Soc. 4 févr. 2015, FS-P+B, n° 14-13.646

La Cour de cassation maintient sa ligne jurisprudentielle tracée au sujet de la reconnaissance du préjudice d’anxiété accordé aux salariés admis au bénéfice de l’allocation de cessation anticipée d’activité (ACAATA). Pour la première fois, par un arrêt du 11 mai 2010, la chambre sociale avait admis la réparation de ce préjudice aux salariés qui avaient été exposés à l’amiante du fait de l’angoisse permanente dans laquelle ils se trouvent de développer une maladie liée à ce matériau. La Cour avait alors posé une série de trois conditions pour caractériser ledit préjudice : avoir travaillé dans un des établissements visés par l’article 41 de la loi n° 98-1194 du 23 décembre 1998 ; se trouver « dans une situation d’inquiétude permanente face au risque de déclaration à tout moment d’une maladie liée à l’amiante » ; et justifier de contrôles médicaux et d’examens réguliers attestant de cette angoisse.
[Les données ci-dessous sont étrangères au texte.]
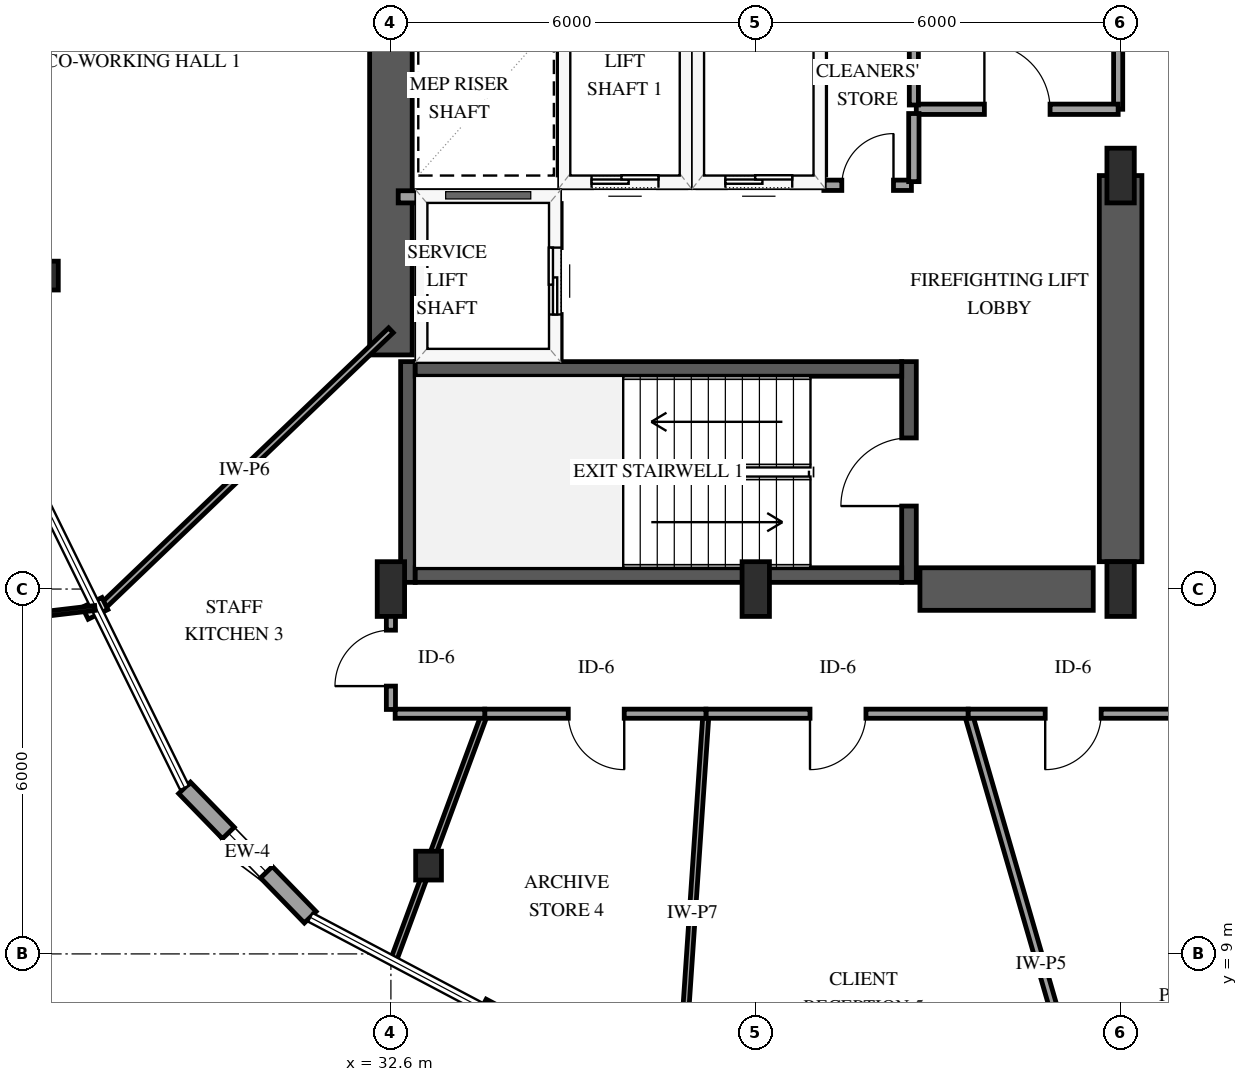
"""IFC4 building model, lengths in metres.
Left out: names, types, materials, properties, quantities, classifications, styles, units other than length and angle.
Written with IfcOpenShell. Run it as: python <this file> out.ifc"""

import sys

from ifc_helpers import new_model, si_unit, direction, frame, frame_2d, origin, origin_2d, place, context, subcontext, project, spatial, rectangle, i_section, extrude, element, fill, save


model = new_model("IFC4")
c1 = context("Model", 3, precision=1e-05, world=origin(), true_north=direction((0.0, 1.0)))
c2 = subcontext(c1, "Body", "Model", "MODEL_VIEW")
j1 = project(units=[si_unit("LENGTHUNIT", "METRE"), si_unit("PLANEANGLEUNIT", "RADIAN")], contexts=[c1])
p1 = place(None, origin())
s1 = spatial("IfcSite", under=j1, at=p1, CompositionType="ELEMENT")
p2 = place(p1, origin())
s2 = spatial("IfcBuilding", under=s1, at=p2, CompositionType="ELEMENT")
p3 = place(p2, frame((0.0, 0.0, 58.6)))
s3 = spatial("IfcBuildingStorey", under=s2, at=p3, CompositionType="ELEMENT", Elevation=58.6)
p4 = place(p3, frame((32.88, 15.11, 0.0), z_axis=(0.0, 0.0, 1.0), x_axis=(0.0, 1.0, 0.0)))
e1 = element("IfcWall", 1, at=p4, inside=s3, PredefinedType="SHEAR", context=c2, shape_type="SweptSolid", body=[
    extrude(rectangle(XDim=3.63, YDim=0.24, at=frame_2d((1.815, 0.0))), origin(), (0.0, 0.0, 1.0), 4.0),
])
p5 = place(p3, frame((41.12, 15.11, 0.0), z_axis=(0.0, 0.0, 1.0), x_axis=(0.0, 1.0, 0.0)))
e2 = element("IfcWall", 2, at=p5, inside=s3, PredefinedType="SHEAR", context=c2, shape_type="SweptSolid", body=[
    extrude(rectangle(XDim=3.63, YDim=0.24, at=frame_2d((1.815, 0.0))), origin(), (0.0, 0.0, 1.0), 4.0),
])
p6 = place(p5, frame((1.255, 0.0, 0.0)))
e3 = element("IfcOpeningElement", 3, at=p6, cuts=e2, PredefinedType="OPENING", context=c2, shape_type="SweptSolid", body=[
    extrude(rectangle(XDim=1.12, YDim=2.15, at=frame_2d((0.56, 1.075))), frame((0.0, 0.13, 0.0), z_axis=(0.0, -1.0, 0.0), x_axis=(1.0, 0.0, 0.0)), (0.0, 0.0, 1.0), 0.26),
])
for number, where, z_axis, x_axis in (
    (4, (33.0, 15.23, 0.0), (0.0, 0.0, 1.0), (1.0, 0.0, 0.0)),
    (5, (33.0, 18.62, 0.0), (0.0, 0.0, 1.0), (1.0, 0.0, 0.0)),
):
    element("IfcWall", number, at=place(p3, frame(where, z_axis=z_axis, x_axis=x_axis)), inside=s3, PredefinedType="SHEAR", context=c2, shape_type="SweptSolid", body=[
        extrude(rectangle(XDim=8.0, YDim=0.24, at=frame_2d((4.0, 0.0))), origin(), (0.0, 0.0, 1.0), 4.0),
    ])
p7 = place(p3, frame((32.6, 18.85, 0.0), z_axis=(0.0, 0.0, 1.0), x_axis=(0.0, 1.0, 0.0)))
e6 = element("IfcWall", 6, at=p7, inside=s3, PredefinedType="SHEAR", context=c2, shape_type="SweptSolid", body=[
    extrude(rectangle(XDim=12.3, YDim=0.7, at=frame_2d((6.15, 0.0))), origin(), (0.0, 0.0, 1.0), 4.0),
])
p8 = place(p3, frame((41.3, 15.0, 0.0), z_axis=(0.0, 0.0, 1.0), x_axis=(1.0, 0.0, 0.0)))
e7 = element("IfcWall", 7, at=p8, inside=s3, PredefinedType="SHEAR", context=c2, shape_type="SweptSolid", body=[
    extrude(rectangle(XDim=2.85, YDim=0.7, at=frame_2d((1.425, 0.0))), origin(), (0.0, 0.0, 1.0), 4.0),
])
p9 = place(p3, frame((44.6, 15.45, 0.0), z_axis=(0.0, 0.0, 1.0), x_axis=(0.0, 1.0, 0.0)))
e8 = element("IfcWall", 8, at=p9, inside=s3, PredefinedType="SHEAR", context=c2, shape_type="SweptSolid", body=[
    extrude(rectangle(XDim=6.35, YDim=0.7, at=frame_2d((3.175, 0.0))), origin(), (0.0, 0.0, 1.0), 4.0),
])
for number, where, z_axis, x_axis in (
    (9, (32.6, 15.0, 0.0), (0.0, 0.0, 1.0), (1.0, 0.0, 0.0)),
    (10, (38.6, 15.0, 0.0), (0.0, 0.0, 1.0), (1.0, 0.0, 0.0)),
    (11, (44.6, 15.0, 0.0), (0.0, 0.0, 1.0), (1.0, 0.0, 0.0)),
    (12, (44.6, 21.8, 0.0), (0.0, 0.0, 1.0), (1.0, 0.0, 0.0)),
):
    element("IfcColumn", number, at=place(p3, frame(where, z_axis=z_axis, x_axis=x_axis)), inside=s3, PredefinedType="PILASTER", context=c2, shape_type="SweptSolid", body=[
        extrude(rectangle(XDim=0.45, YDim=0.9, at=origin_2d()), origin(), (0.0, 0.0, 1.0), 4.0),
    ])
for number, where, z_axis, x_axis in (
    (13, (26.918, 20.155, 0.0), (0.0, 0.0, 1.0), (1.0, 0.0, 0.0)),
    (14, (33.219, 10.452, 0.0), (0.0, 0.0, 1.0), (1.0, 0.0, 0.0)),
):
    element("IfcColumn", number, at=place(p3, frame(where, z_axis=z_axis, x_axis=x_axis)), inside=s3, PredefinedType="COLUMN", context=c2, shape_type="SweptSolid", body=[
        extrude(i_section(OverallWidth=0.424, OverallDepth=0.474, WebThickness=0.048, FlangeThickness=0.077, FilletRadius=0.038, at=origin_2d()), origin(), (0.0, 0.0, 1.0), 4.0),
    ])
p10 = place(p3, frame((29.207, 11.731, 0.0), z_axis=(0.0, 0.0, 1.0), x_axis=(0.69666106732, -0.717400416282, 0.0)))
e15 = element("IfcWall", 15, at=p10, inside=s3, PredefinedType="SOLIDWALL", context=c2, shape_type="SweptSolid", body=[
    extrude(rectangle(XDim=2.967, YDim=0.27, at=frame_2d((1.483, 0.0))), origin(), (0.0, 0.0, 1.0), 3.079),
])
p11 = place(p10, frame((1.033, 0.0, 0.75)))
e16 = element("IfcOpeningElement", 16, at=p11, cuts=e15, PredefinedType="OPENING", context=c2, shape_type="SweptSolid", body=[
    extrude(rectangle(XDim=0.9, YDim=1.5, at=frame_2d((0.45, 0.75))), frame((0.0, 0.145, 0.0), z_axis=(0.0, -1.0, 0.0), x_axis=(1.0, 0.0, 0.0)), (0.0, 0.0, 1.0), 0.29),
])
p12 = place(p3, frame((35.45, 21.7, 0.0), z_axis=(0.0, 0.0, 1.0), x_axis=(1.0, 0.0, 0.0)))
e17 = element("IfcWall", 17, at=p12, inside=s3, PredefinedType="SOLIDWALL", context=c2, shape_type="SweptSolid", body=[
    extrude(rectangle(XDim=2.0, YDim=0.2, at=frame_2d((1.0, 0.0))), origin(), (0.0, 0.0, 1.0), 3.7),
])
p13 = place(p12, frame((0.45, 0.0, 0.0)))
e18 = element("IfcOpeningElement", 18, at=p13, cuts=e17, PredefinedType="OPENING", context=c2, shape_type="SweptSolid", body=[
    extrude(rectangle(XDim=1.1, YDim=2.15, at=frame_2d((0.55, 1.075))), frame((0.0, 0.11, 0.0), z_axis=(0.0, -1.0, 0.0), x_axis=(1.0, 0.0, 0.0)), (0.0, 0.0, 1.0), 0.22),
])
for number, where, z_axis, x_axis in (
    (19, (35.45, 21.81, 0.0), (0.0, 0.0, 1.0), (0.0, 1.0, 0.0)),
    (20, (37.45, 21.81, 0.0), (0.0, 0.0, 1.0), (0.0, 1.0, 0.0)),
):
    element("IfcWall", number, at=place(p3, frame(where, z_axis=z_axis, x_axis=x_axis)), inside=s3, PredefinedType="SOLIDWALL", context=c2, shape_type="SweptSolid", body=[
        extrude(rectangle(XDim=2.38, YDim=0.2, at=frame_2d((1.19, 0.0))), origin(), (0.0, 0.0, 1.0), 3.7),
    ])
p14 = place(p3, frame((37.65, 21.7, 0.0), z_axis=(0.0, 0.0, 1.0), x_axis=(1.0, 0.0, 0.0)))
e21 = element("IfcWall", 21, at=p14, inside=s3, PredefinedType="SOLIDWALL", context=c2, shape_type="SweptSolid", body=[
    extrude(rectangle(XDim=2.0, YDim=0.2, at=frame_2d((1.0, 0.0))), origin(), (0.0, 0.0, 1.0), 3.7),
])
p15 = place(p14, frame((0.45, 0.0, 0.0)))
e22 = element("IfcOpeningElement", 22, at=p15, cuts=e21, PredefinedType="OPENING", context=c2, shape_type="SweptSolid", body=[
    extrude(rectangle(XDim=1.1, YDim=2.15, at=frame_2d((0.55, 1.075))), frame((0.0, 0.11, 0.0), z_axis=(0.0, -1.0, 0.0), x_axis=(1.0, 0.0, 0.0)), (0.0, 0.0, 1.0), 0.22),
])
p16 = place(p3, frame((39.65, 21.81, 0.0), z_axis=(0.0, 0.0, 1.0), x_axis=(0.0, 1.0, 0.0)))
e23 = element("IfcWall", 23, at=p16, inside=s3, PredefinedType="SOLIDWALL", context=c2, shape_type="SweptSolid", body=[
    extrude(rectangle(XDim=2.38, YDim=0.2, at=frame_2d((1.19, 0.0))), origin(), (0.0, 0.0, 1.0), 3.7),
])
p17 = place(p3, frame((32.72, 21.45, 0.0), z_axis=(0.0, 0.0, 1.0), x_axis=(1.0, 0.0, 0.0)))
e24 = element("IfcWall", 24, at=p17, inside=s3, PredefinedType="SOLIDWALL", context=c2, shape_type="SweptSolid", body=[
    extrude(rectangle(XDim=2.58, YDim=0.2, at=frame_2d((1.29, 0.0))), origin(), (0.0, 0.0, 1.0), 3.7),
])
p18 = place(p3, frame((35.3, 18.79, 0.0), z_axis=(0.0, 0.0, 1.0), x_axis=(0.0, 1.0, 0.0)))
e25 = element("IfcWall", 25, at=p18, inside=s3, PredefinedType="SOLIDWALL", context=c2, shape_type="SweptSolid", body=[
    extrude(rectangle(XDim=2.55, YDim=0.2, at=frame_2d((1.275, 0.0))), origin(), (0.0, 0.0, 1.0), 3.7),
])
p19 = place(p18, frame((0.725, 0.0, 0.0)))
e26 = element("IfcOpeningElement", 26, at=p19, cuts=e25, PredefinedType="OPENING", context=c2, shape_type="SweptSolid", body=[
    extrude(rectangle(XDim=1.1, YDim=2.15, at=frame_2d((0.55, 1.075))), frame((0.0, 0.11, 0.0), z_axis=(0.0, -1.0, 0.0), x_axis=(1.0, 0.0, 0.0)), (0.0, 0.0, 1.0), 0.22),
])
p20 = place(p3, frame((42.094, 12.95, 0.0), z_axis=(0.0, 0.0, 1.0), x_axis=(0.278463654044, -0.960446767591, 0.0)))
e27 = element("IfcWall", 27, at=p20, inside=s3, PredefinedType="PARTITIONING", context=c2, shape_type="SweptSolid", body=[
    extrude(rectangle(XDim=8.594, YDim=0.13, at=frame_2d((4.297, 0.0))), origin(), (0.0, 0.0, 1.0), 2.995),
])
p21 = place(p3, frame((44.56, 29.8, 0.0), z_axis=(0.0, 0.0, 1.0), x_axis=(0.0, -1.0, 0.0)))
e28 = element("IfcWall", 28, at=p21, inside=s3, PredefinedType="PARTITIONING", context=c2, shape_type="SweptSolid", body=[
    extrude(rectangle(XDim=6.91, YDim=0.15, at=frame_2d((3.455, 0.0))), origin(), (0.0, 0.0, 1.0), 2.74),
])
p22 = place(p21, frame((2.915, 0.0, 0.0)))
e29 = element("IfcOpeningElement", 29, at=p22, cuts=e28, PredefinedType="OPENING", context=c2, shape_type="SweptSolid", body=[
    extrude(rectangle(XDim=1.08, YDim=2.15, at=frame_2d((0.54, 1.075))), frame((0.0, 0.085, 0.0), z_axis=(0.0, -1.0, 0.0), x_axis=(1.0, 0.0, 0.0)), (0.0, 0.0, 1.0), 0.17),
])
p23 = place(p3, frame((32.6, 19.255, 0.0), z_axis=(0.0, 0.0, 1.0), x_axis=(-0.722302567559, -0.691577183615, 0.0)))
e30 = element("IfcWall", 30, at=p23, inside=s3, PredefinedType="PARTITIONING", context=c2, shape_type="SweptSolid", body=[
    extrude(rectangle(XDim=6.675, YDim=0.11, at=frame_2d((3.337, 0.0))), origin(), (0.0, 0.0, 1.0), 3.7),
])
p24 = place(p3, frame((37.781, 12.95, 0.0), z_axis=(0.0, 0.0, 1.0), x_axis=(-0.067802603225, -0.997698755635, 0.0)))
e31 = element("IfcWall", 31, at=p24, inside=s3, PredefinedType="PARTITIONING", context=c2, shape_type="SweptSolid", body=[
    extrude(rectangle(XDim=6.564, YDim=0.1, at=frame_2d((3.282, 0.0))), origin(), (0.0, 0.0, 1.0), 3.7),
])
p25 = place(p3, frame((34.143, 12.95, 0.0), z_axis=(0.0, 0.0, 1.0), x_axis=(-0.347011852363, -0.937860743565, 0.0)))
e32 = element("IfcWall", 32, at=p25, inside=s3, PredefinedType="PARTITIONING", context=c2, shape_type="SweptSolid", body=[
    extrude(rectangle(XDim=4.337, YDim=0.1, at=frame_2d((2.169, 0.0))), origin(), (0.0, 0.0, 1.0), 2.995),
])
p26 = place(p3, frame((42.094, 12.95, 0.0), z_axis=(0.0, 0.0, 1.0), x_axis=(-1.0, 0.0, 0.0)))
e33 = element("IfcWall", 33, at=p26, inside=s3, PredefinedType="PARTITIONING", context=c2, shape_type="SweptSolid", body=[
    extrude(rectangle(XDim=4.313, YDim=0.15, at=frame_2d((2.156, 0.0))), origin(), (0.0, 0.0, 1.0), 3.7),
])
p27 = place(p26, frame((1.682, 0.0, 0.0)))
e34 = element("IfcOpeningElement", 34, at=p27, cuts=e33, PredefinedType="OPENING", context=c2, shape_type="SweptSolid", body=[
    extrude(rectangle(XDim=0.92, YDim=2.12, at=frame_2d((0.46, 1.06))), frame((0.0, 0.085, 0.0), z_axis=(0.0, -1.0, 0.0), x_axis=(1.0, 0.0, 0.0)), (0.0, 0.0, 1.0), 0.17),
])
p28 = place(p3, frame((37.781, 12.95, 0.0), z_axis=(0.0, 0.0, 1.0), x_axis=(-1.0, 0.0, 0.0)))
e35 = element("IfcWall", 35, at=p28, inside=s3, PredefinedType="PARTITIONING", context=c2, shape_type="SweptSolid", body=[
    extrude(rectangle(XDim=3.638, YDim=0.15, at=frame_2d((1.819, 0.0))), origin(), (0.0, 0.0, 1.0), 3.7),
])
p29 = place(p28, frame((1.344, 0.0, 0.0)))
e36 = element("IfcOpeningElement", 36, at=p29, cuts=e35, PredefinedType="OPENING", context=c2, shape_type="SweptSolid", body=[
    extrude(rectangle(XDim=0.92, YDim=2.12, at=frame_2d((0.46, 1.06))), frame((0.0, 0.085, 0.0), z_axis=(0.0, -1.0, 0.0), x_axis=(1.0, 0.0, 0.0)), (0.0, 0.0, 1.0), 0.17),
])
p30 = place(p3, frame((45.517, 12.95, 0.0), z_axis=(0.0, 0.0, 1.0), x_axis=(-1.0, 0.0, 0.0)))
e37 = element("IfcWall", 37, at=p30, inside=s3, PredefinedType="PARTITIONING", context=c2, shape_type="SweptSolid", body=[
    extrude(rectangle(XDim=3.423, YDim=0.15, at=frame_2d((1.711, 0.0))), origin(), (0.0, 0.0, 1.0), 3.7),
])
p31 = place(p30, frame((1.237, 0.0, 0.0)))
e38 = element("IfcOpeningElement", 38, at=p31, cuts=e37, PredefinedType="OPENING", context=c2, shape_type="SweptSolid", body=[
    extrude(rectangle(XDim=0.92, YDim=2.12, at=frame_2d((0.46, 1.06))), frame((0.0, 0.085, 0.0), z_axis=(0.0, -1.0, 0.0), x_axis=(1.0, 0.0, 0.0)), (0.0, 0.0, 1.0), 0.17),
])
p32 = place(p3, frame((41.24, 22.89, 0.0), z_axis=(0.0, 0.0, 1.0), x_axis=(1.0, 0.0, 0.0)))
e39 = element("IfcWall", 39, at=p32, inside=s3, PredefinedType="PARTITIONING", context=c2, shape_type="SweptSolid", body=[
    extrude(rectangle(XDim=3.32, YDim=0.17, at=frame_2d((1.66, 0.0))), origin(), (0.0, 0.0, 1.0), 3.7),
])
p33 = place(p32, frame((1.12, 0.0, 0.0)))
e40 = element("IfcOpeningElement", 40, at=p33, cuts=e39, PredefinedType="OPENING", context=c2, shape_type="SweptSolid", body=[
    extrude(rectangle(XDim=1.08, YDim=2.15, at=frame_2d((0.54, 1.075))), frame((0.0, 0.095, 0.0), z_axis=(0.0, -1.0, 0.0), x_axis=(1.0, 0.0, 0.0)), (0.0, 0.0, 1.0), 0.19),
])
p34 = place(p3, frame((32.6, 13.02, 0.0), z_axis=(0.0, 0.0, 1.0), x_axis=(0.0, 1.0, 0.0)))
e41 = element("IfcWall", 41, at=p34, inside=s3, PredefinedType="PARTITIONING", context=c2, shape_type="SweptSolid", body=[
    extrude(rectangle(XDim=1.91, YDim=0.15, at=frame_2d((0.955, 0.0))), origin(), (0.0, 0.0, 1.0), 3.7),
])
p35 = place(p34, frame((0.384, 0.0, 0.0)))
e42 = element("IfcOpeningElement", 42, at=p35, cuts=e41, PredefinedType="OPENING", context=c2, shape_type="SweptSolid", body=[
    extrude(rectangle(XDim=0.92, YDim=2.12, at=frame_2d((0.46, 1.06))), frame((0.0, 0.085, 0.0), z_axis=(0.0, -1.0, 0.0), x_axis=(1.0, 0.0, 0.0)), (0.0, 0.0, 1.0), 0.17),
])
p36 = place(p3, frame((41.2, 22.96, 0.0), z_axis=(0.0, 0.0, 1.0), x_axis=(0.0, 1.0, 0.0)))
e43 = element("IfcWall", 43, at=p36, inside=s3, PredefinedType="PARTITIONING", context=c2, shape_type="SweptSolid", body=[
    extrude(rectangle(XDim=1.69, YDim=0.15, at=frame_2d((0.845, 0.0))), origin(), (0.0, 0.0, 1.0), 3.7),
])
p37 = place(p3, frame((34.143, 12.95, 0.0), z_axis=(0.0, 0.0, 1.0), x_axis=(-1.0, 0.0, 0.0)))
e44 = element("IfcWall", 44, at=p37, inside=s3, PredefinedType="PARTITIONING", context=c2, shape_type="SweptSolid", body=[
    extrude(rectangle(XDim=1.473, YDim=0.15, at=frame_2d((0.737, 0.0))), origin(), (0.0, 0.0, 1.0), 3.7),
])
p38 = place(p3, frame((39.72, 21.64, 0.0), z_axis=(0.0, 0.0, 1.0), x_axis=(1.0, 0.0, 0.0)))
e45 = element("IfcWall", 45, at=p38, inside=s3, PredefinedType="PARTITIONING", context=c2, shape_type="SweptSolid", body=[
    extrude(rectangle(XDim=1.44, YDim=0.17, at=frame_2d((0.72, 0.0))), origin(), (0.0, 0.0, 1.0), 3.7),
])
p39 = place(p38, frame((0.295, 0.0, 0.0)))
e46 = element("IfcOpeningElement", 46, at=p39, cuts=e45, PredefinedType="OPENING", context=c2, shape_type="SweptSolid", body=[
    extrude(rectangle(XDim=0.85, YDim=2.1, at=frame_2d((0.425, 1.05))), frame((0.0, 0.095, 0.0), z_axis=(0.0, -1.0, 0.0), x_axis=(1.0, 0.0, 0.0)), (0.0, 0.0, 1.0), 0.19),
])
p40 = place(p3, frame((41.2, 21.7, 0.0), z_axis=(0.0, 0.0, 1.0), x_axis=(0.0, 1.0, 0.0)))
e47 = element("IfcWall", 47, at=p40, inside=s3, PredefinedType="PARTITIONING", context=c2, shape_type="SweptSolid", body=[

Puis, par un arrêt de 2012, la Cour a assoupli la reconnaissance de ce préjudice en abandonnant l’exigence de cette troisième condition.

Dans le cadre de la présente affaire, le Grand Port Maritime de Dunkerque, inscrit par arrêté ministériel du 11 décembre 2001 sur la liste des établissements ouvrant droit au bénéfice de l’ACAATA, avait signé le 18 juin 2002, avec un certain nombre d’organisations syndicales représentatives du personnel de l’établissement, un accord d’entreprise intitulé « protocole d’accord relatif à la mise en œuvre de la cessation anticipée d’activité des travailleurs de l’amiante ». Cet accord instaurait une indemnité de fin de carrière bonifiée au profit des salariés remplissant les conditions pour bénéficier de l’ACAATA et mettant fin de manière anticipée à leur activité professionnelle. Toutefois, pour échapper à ce nouveau poste d’indemnisation, l’entreprise a négocié, le 1er mars 2012, un avenant  énonçant que l’indemnité de fin de carrière bonifiée a pour cause la volonté des signataires d’indemniser forfaitairement les salariés pour l’ensemble des préjudices de toute nature éventuellement subis du fait d’une exposition potentielle à l’amiante au cours de leur carrière au sein de l’entreprise. Il y est mentionné aussi que cet avenant a une valeur interprétative de façon à le rendre opposable aux salariés ayant bénéficié de l’indemnité bonifié avant sa signature. La cour d’appel de Douai, tirant les conséquences du caractère interprétatif de l’avenant de 2012, a considéré que le montant de l’indemnité bonifiée perçue antérieurement à l’avenant devait être déduit de l’indemnisation du préjudice d’anxiété obtenue en justice postérieurement.

La Cour de cassation censure l’arrêt d’appel au motif qu’un « accord ne peut être considéré comme interprétatif qu’autant qu’il se borne à reconnaître, sans rien innover, un état de droit préexistant qu’une définition imparfaite a rendu susceptible de controverse ». Par conséquent, l’indemnité conventionnelle de fin de carrière bonifiée prévue par l’accord du 18 juin 2002, interprété par l’avenant du 1er mars 2012, ne s’impute pas, si elle a été effectivement versée, sur l’indemnité allouée aux salariés au titre du préjudice d’anxiété. Ainsi, la Cour fait du préjudice d’anxiété résultant de l’exposition à l’amiante un chef de préjudice ouvrant droit à une réparation autonome.

Cette décision est, au demeurant, une confirmation de l’arrêt du 19 mars 2014 par lequel la chambre sociale a considéré que l’existence d’un accord d’entreprise assurant une compensation plus importante de la perte de revenu, résultant de la cessation d’activité, n’interdit pas une demande ultérieure en réparation d’un trouble psychologique résultant du risque de déclaration, à tout moment, d’une maladie liée à l’amiante.